Awesome expertise on display in your remarks. I live in the northern Willamette Valley and forecasting for NWS is difficult to say the least. What with continental and oceanic airmasses colliding, the Cascade Range doing its adabiatic thing with downward Westerly flow, the Gorge acting as a conduit for high winds, microclimates galore, the urban heat island in the pdx/Vancouver area... We've had major winter storm warnings for storms that never occurred and on the flip side, off shore clipper lows that stalled out and brought heavy rain/snow for days! This winter one forecast had us getting a dusting, but instead we got eight inches of snow over ice!
Just recently, here in Colorado Springs, we were forecast for a dusting overnight. We got 5.25 inches (measured), but it was all gone, some early sublimation, and later, melting, by nightfall.

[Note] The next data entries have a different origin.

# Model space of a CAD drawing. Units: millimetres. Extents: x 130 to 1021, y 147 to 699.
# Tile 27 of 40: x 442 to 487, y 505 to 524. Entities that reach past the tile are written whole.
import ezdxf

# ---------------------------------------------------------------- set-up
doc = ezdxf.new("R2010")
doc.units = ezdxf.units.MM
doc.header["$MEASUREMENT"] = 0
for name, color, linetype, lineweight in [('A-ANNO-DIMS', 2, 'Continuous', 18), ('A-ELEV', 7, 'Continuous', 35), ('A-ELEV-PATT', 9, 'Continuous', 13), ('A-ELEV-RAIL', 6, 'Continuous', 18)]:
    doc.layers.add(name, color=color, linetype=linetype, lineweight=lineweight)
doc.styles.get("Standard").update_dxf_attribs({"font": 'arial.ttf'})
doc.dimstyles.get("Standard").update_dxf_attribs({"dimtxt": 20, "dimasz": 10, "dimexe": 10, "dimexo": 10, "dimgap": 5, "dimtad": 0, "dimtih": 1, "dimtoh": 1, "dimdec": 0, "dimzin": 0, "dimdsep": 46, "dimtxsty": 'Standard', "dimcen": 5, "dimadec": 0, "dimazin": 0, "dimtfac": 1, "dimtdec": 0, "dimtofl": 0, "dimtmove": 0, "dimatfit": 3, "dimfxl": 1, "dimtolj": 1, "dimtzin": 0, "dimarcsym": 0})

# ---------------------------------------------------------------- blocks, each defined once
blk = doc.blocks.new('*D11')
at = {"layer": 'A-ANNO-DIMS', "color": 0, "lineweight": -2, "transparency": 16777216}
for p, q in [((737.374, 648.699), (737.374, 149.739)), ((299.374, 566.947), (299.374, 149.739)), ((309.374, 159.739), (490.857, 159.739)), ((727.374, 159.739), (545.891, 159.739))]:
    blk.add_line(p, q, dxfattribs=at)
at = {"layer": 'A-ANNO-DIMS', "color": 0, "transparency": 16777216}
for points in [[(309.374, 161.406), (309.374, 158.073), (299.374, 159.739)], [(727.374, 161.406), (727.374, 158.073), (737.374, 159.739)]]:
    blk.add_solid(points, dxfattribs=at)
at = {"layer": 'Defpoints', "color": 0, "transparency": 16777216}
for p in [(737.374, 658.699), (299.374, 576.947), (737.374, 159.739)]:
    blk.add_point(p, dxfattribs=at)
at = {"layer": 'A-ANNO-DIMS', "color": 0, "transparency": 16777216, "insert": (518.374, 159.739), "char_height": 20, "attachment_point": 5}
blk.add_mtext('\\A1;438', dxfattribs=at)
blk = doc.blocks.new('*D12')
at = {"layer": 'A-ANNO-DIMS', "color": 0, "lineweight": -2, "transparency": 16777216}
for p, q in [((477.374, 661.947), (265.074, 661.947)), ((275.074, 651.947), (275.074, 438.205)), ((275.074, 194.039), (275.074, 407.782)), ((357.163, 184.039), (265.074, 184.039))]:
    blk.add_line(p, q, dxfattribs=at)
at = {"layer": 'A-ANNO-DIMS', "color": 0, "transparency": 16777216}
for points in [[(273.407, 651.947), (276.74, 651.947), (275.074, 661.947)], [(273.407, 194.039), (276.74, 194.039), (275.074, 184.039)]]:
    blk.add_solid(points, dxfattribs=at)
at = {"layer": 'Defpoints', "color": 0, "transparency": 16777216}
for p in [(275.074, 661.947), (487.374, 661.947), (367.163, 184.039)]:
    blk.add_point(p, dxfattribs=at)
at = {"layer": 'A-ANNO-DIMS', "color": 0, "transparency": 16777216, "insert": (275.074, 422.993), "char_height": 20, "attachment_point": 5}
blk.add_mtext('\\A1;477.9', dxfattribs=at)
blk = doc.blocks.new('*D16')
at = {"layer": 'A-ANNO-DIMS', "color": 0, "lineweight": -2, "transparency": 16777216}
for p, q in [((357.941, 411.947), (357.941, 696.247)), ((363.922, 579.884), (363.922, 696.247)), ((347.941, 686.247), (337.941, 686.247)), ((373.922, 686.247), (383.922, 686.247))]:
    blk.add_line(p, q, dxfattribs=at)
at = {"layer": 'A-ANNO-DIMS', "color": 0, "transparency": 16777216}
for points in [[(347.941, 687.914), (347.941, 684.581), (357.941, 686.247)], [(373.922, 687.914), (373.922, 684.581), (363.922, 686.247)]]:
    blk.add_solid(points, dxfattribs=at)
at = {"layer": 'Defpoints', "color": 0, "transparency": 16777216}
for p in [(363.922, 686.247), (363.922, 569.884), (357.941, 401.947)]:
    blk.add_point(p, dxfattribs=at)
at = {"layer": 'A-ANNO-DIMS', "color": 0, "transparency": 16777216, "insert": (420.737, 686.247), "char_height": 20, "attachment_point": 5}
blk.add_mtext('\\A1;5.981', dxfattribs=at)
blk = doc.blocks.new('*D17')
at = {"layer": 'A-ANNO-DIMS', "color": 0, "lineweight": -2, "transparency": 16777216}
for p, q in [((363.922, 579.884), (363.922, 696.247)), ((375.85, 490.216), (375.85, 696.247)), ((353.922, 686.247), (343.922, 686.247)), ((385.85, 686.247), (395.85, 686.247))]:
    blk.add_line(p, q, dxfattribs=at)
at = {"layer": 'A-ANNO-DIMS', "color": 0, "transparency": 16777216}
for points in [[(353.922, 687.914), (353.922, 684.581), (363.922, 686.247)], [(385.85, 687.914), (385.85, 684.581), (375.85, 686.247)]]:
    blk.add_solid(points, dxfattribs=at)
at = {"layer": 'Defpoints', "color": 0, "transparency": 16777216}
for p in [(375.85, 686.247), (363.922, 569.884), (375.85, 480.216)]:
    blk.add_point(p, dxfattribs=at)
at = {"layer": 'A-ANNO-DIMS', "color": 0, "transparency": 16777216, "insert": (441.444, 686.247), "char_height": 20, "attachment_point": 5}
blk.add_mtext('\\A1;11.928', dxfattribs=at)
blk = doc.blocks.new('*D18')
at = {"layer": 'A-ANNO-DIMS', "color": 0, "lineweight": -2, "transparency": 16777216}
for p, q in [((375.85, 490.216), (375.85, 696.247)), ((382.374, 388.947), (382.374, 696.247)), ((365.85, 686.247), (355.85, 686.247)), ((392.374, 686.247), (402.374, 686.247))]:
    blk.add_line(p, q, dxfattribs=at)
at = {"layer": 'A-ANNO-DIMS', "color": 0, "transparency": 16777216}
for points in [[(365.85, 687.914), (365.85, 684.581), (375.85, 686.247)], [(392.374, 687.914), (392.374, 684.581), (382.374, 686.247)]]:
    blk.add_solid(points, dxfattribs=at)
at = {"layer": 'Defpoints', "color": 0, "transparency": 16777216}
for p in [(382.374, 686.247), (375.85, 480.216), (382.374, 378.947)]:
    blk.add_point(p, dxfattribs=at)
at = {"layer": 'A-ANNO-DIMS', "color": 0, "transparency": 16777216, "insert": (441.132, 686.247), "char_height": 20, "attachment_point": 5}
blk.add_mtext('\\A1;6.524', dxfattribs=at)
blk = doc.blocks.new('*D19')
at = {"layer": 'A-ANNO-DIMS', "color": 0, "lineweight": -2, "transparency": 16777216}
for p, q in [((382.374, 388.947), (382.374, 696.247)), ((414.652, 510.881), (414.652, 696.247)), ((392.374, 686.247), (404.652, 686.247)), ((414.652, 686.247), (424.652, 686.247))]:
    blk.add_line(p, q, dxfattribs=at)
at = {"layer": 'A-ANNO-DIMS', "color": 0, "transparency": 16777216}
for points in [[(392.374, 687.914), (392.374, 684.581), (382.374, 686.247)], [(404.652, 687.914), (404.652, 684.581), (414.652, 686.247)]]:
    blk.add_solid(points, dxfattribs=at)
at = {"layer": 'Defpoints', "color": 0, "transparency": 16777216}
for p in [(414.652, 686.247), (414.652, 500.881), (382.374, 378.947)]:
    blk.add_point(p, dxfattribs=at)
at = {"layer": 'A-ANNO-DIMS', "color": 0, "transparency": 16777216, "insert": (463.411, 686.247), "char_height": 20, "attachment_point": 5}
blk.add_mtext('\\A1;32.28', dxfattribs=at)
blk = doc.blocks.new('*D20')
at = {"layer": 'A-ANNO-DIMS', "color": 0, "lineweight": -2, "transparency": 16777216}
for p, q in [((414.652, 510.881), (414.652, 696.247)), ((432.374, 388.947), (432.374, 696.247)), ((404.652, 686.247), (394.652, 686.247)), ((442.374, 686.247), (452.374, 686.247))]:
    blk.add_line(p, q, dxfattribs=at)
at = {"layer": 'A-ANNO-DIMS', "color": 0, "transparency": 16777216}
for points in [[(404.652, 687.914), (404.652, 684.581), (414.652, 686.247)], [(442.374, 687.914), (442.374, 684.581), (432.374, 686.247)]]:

I've threatened to trademark the term, "Winter weather forcasting is HARD."
It's such a small world! I used to live in C-Springs fifty years ago- 4th INF Div. stationed at Ft Carson! I lived in the east side of town on San Miguel. I imagine the town has grown up a lot since then. I had BOQ off base so it was like a commuter job. Beautiful place. I used to take my sports car up Pikes Peak on a curvy dirt road that I imagine is all paved by now. Good memories.
My wife's a retired Army Nurse. We go to Carson's Commissary because going on an Army base is more familiar than an Air Force (or Space Force) base... and to be honest, the Carson Commissary's laid out better and has more stock than Peterson SFB's does (the Academy Commissary is a cute little place, perfect for the Academy).
The road up Pikes Peak is, indeed, paved, but still a slow drive because of the twists and turns. One of my goals in retirement is to start doing 14ers like the locals, but I've got a little bit more physical training to do first!